Before coming to Kigali, I spent one year living ten minutes
from New York City and commuting in for work, school, internship, and most of
my free time. Most people witnessed the transformation this year had on me or
saw the impact in who I was when I moved back to Illinois for six months before
coming here. By the time Diane and I were driving home to Illinois, I was
pretty much a shell of a person hollowed out by stress and regret. One year in
New York City confirmed many of my less than desirable beliefs in human nature
and my ability to and enjoyment (or lack thereof) in interacting with other
humans. I valued personal space much more than even most Americans and my cynicism
for life was at an alarming height.
Visiting Nymata and entering the church with walls riddled
with bullet holes and blood stains from where babies were crushed against brick
it is easy to say the world is evil. But, if you go on a Sunday morning, you
will hear the church choir from across the street singing while you stare at
the mounds of clothing piled on the church pews from people killed in the
surrounding area. Outside the church lies the grave of a nun who, in 1992, had
the courage to provide shelter to Tutsis seeking refuge and speak on international
radio about the atrocities that were occurring. Pleading for help. She was
murdered outside her home soon afterward.

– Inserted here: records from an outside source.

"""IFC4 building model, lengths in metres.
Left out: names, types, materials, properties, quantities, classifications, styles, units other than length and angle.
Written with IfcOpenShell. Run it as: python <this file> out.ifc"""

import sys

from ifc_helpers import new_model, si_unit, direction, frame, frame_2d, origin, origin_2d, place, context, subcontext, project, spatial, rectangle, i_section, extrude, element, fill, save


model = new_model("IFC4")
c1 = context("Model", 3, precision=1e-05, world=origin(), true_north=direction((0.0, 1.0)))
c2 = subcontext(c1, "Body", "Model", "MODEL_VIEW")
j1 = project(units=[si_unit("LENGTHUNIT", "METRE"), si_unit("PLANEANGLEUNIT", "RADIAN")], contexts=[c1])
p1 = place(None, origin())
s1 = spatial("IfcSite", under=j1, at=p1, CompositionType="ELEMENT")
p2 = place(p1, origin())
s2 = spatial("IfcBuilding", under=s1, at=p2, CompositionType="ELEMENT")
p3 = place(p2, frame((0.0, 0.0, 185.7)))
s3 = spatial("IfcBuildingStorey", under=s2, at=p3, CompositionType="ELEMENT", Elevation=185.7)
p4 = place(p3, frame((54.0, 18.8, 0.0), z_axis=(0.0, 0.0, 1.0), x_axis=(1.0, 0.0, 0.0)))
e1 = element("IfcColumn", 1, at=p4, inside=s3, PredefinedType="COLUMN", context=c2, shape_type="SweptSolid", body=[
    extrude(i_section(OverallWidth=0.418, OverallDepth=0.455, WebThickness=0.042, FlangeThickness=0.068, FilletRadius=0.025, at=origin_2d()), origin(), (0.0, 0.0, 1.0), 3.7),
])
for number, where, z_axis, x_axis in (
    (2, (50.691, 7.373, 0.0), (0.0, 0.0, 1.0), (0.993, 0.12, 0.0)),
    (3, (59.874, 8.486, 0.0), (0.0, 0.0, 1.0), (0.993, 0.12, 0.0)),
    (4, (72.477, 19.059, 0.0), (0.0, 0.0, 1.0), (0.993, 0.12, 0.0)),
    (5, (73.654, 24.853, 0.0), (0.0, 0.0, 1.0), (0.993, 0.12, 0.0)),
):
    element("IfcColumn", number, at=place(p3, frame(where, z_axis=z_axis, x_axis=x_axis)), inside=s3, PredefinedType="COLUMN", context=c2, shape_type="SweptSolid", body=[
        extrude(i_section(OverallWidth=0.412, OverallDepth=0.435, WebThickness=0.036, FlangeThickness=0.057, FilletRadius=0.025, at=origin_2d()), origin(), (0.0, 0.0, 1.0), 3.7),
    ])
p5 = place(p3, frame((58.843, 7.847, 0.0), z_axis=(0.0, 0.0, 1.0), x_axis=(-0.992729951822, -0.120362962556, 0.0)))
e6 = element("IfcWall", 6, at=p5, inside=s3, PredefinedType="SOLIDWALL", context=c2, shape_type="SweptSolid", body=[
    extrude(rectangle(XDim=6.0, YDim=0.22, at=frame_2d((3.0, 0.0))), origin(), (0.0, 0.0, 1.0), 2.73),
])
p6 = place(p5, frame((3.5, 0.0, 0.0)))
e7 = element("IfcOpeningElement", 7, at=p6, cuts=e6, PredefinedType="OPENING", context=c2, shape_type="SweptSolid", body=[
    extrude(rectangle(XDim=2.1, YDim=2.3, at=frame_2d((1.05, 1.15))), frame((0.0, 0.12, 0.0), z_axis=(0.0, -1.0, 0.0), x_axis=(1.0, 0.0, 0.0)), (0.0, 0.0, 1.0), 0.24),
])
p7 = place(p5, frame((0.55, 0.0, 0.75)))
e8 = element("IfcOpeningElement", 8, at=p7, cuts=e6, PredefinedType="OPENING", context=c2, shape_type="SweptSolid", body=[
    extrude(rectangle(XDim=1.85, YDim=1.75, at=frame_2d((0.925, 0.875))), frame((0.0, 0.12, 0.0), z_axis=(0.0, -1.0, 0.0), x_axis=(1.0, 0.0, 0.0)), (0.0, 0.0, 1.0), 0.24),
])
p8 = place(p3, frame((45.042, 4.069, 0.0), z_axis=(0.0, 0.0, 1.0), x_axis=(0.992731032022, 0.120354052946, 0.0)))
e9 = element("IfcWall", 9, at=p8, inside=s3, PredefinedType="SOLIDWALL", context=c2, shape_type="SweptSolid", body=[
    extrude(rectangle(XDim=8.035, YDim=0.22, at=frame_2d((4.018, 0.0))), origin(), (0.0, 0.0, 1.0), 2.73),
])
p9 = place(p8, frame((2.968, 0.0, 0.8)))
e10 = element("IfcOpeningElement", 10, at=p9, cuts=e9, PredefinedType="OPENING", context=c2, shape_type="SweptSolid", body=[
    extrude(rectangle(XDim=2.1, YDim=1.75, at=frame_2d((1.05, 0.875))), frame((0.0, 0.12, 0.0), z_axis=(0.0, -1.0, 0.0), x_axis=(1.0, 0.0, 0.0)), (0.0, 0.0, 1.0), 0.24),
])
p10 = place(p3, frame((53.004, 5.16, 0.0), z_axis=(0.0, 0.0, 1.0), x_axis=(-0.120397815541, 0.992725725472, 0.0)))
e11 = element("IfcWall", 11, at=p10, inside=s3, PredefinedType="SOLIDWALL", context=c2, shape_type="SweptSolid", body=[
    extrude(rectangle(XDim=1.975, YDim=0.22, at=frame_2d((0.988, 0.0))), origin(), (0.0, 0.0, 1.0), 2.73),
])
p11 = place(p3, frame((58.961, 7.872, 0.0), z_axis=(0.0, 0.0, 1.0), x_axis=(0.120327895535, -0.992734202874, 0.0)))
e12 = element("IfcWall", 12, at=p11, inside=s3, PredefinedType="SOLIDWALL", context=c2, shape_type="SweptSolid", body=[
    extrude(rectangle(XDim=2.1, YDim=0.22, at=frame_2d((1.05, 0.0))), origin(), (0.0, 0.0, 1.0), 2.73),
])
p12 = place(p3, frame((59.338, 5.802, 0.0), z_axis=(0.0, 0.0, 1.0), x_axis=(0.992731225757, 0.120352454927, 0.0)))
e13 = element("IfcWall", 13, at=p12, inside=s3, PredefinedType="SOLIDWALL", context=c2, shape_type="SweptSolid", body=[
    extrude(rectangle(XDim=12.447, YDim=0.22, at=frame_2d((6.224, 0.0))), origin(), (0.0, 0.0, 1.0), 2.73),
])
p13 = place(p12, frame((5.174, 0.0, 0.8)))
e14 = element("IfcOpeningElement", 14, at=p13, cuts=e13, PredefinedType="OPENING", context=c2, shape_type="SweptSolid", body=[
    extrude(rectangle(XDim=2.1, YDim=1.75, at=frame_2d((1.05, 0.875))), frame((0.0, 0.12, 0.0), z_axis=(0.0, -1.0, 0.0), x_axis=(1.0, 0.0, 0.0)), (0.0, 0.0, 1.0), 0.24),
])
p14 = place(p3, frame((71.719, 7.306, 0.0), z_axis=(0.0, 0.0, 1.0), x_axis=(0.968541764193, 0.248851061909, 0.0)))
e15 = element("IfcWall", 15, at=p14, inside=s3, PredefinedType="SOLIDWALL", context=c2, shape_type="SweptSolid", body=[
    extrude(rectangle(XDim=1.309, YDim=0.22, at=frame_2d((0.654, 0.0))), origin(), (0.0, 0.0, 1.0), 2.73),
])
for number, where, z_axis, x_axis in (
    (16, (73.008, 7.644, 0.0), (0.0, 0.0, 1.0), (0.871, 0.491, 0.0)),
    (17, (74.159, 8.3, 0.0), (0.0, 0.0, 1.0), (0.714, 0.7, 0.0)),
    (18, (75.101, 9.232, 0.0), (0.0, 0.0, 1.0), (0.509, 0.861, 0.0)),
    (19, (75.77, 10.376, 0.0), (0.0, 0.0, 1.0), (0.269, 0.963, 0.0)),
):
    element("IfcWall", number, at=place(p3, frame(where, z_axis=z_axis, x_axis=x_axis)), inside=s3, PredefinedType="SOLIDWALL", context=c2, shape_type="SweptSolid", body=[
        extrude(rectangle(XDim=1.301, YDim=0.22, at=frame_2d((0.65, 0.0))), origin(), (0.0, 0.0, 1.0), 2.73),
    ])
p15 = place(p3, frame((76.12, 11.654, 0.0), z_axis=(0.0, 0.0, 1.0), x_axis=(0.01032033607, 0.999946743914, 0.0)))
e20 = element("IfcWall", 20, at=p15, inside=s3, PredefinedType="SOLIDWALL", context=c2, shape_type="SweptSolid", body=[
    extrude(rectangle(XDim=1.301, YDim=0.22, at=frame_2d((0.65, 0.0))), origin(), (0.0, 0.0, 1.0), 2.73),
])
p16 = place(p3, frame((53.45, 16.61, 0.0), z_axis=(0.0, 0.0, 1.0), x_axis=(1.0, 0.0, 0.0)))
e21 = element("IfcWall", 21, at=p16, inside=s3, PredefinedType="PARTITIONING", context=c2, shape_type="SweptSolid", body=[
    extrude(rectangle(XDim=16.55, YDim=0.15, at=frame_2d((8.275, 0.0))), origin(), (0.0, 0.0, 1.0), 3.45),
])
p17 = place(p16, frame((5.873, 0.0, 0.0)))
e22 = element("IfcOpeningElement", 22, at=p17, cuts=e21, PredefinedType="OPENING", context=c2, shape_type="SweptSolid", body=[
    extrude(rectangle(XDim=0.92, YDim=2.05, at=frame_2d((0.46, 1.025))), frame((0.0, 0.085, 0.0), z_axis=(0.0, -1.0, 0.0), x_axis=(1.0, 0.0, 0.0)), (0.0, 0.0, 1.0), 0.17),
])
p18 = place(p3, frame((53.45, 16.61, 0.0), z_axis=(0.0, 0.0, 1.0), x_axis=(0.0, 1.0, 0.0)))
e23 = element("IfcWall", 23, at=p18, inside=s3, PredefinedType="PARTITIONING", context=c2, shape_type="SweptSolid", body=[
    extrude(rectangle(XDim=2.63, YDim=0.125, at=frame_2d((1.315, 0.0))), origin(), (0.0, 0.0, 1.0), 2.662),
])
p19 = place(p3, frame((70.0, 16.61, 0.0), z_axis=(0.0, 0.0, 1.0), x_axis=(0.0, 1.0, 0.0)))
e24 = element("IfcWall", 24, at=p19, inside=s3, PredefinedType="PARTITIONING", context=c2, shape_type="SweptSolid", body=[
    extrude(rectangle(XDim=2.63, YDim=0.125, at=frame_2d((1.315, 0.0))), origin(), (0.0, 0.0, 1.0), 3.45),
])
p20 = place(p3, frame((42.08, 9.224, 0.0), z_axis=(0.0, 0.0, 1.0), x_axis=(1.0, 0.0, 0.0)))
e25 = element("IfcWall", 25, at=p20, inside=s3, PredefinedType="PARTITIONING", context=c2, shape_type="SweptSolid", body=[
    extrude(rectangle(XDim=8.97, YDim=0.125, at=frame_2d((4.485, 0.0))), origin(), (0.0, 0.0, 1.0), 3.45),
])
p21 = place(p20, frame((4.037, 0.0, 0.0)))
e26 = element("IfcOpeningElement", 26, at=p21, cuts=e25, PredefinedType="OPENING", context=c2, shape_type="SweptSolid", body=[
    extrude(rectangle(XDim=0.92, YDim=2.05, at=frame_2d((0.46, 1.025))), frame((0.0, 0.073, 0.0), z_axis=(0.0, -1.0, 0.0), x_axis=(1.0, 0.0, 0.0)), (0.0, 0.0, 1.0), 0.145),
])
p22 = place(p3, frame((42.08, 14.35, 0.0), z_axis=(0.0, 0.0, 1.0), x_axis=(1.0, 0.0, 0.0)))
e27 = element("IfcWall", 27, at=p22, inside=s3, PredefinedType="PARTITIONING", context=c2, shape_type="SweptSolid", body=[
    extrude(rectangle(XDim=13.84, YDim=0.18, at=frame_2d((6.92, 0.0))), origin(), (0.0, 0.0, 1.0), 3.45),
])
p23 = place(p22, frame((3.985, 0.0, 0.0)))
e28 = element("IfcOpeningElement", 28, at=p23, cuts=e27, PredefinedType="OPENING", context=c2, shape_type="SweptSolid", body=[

The smell of decomposed remains cased in limestone will be
burned into my senses forever as a reminder that prejudice and evil and malice exist.
Standing at a volleyball field that French soldiers created over a mass grave
where hundreds of bodies were thrown and children strapped to their mothers’ backs
were buried alive. With that weighing on my heart, I turn around and see the
hills surrounding Butare and know that the world is filled with pain and
suffering and unanswered pleas for help and sometimes, on sunny afternoon, life
is beautiful. The existence of one does not exclude the presence of another.
I genuinely believe that good exists. Courage and strength
and hope and love are real in a way that I have never believed in so fiercely. In
the bustling of the city streets and the melodic rustle of wind through banana
trees. I do not understand how my soul is healing in a place that has seen such
soulless acts but I could not be more grateful.
Very few of us in our secure, comfortable middle-class lives can grasp or feel the dichotomy between suffering and joy. I really look forward to conversations with you when you return and I can hear in depth about your thoughts and feelings of your remarkable experience, Erika. Thank you for sharing your experiences and insights in Rwanda.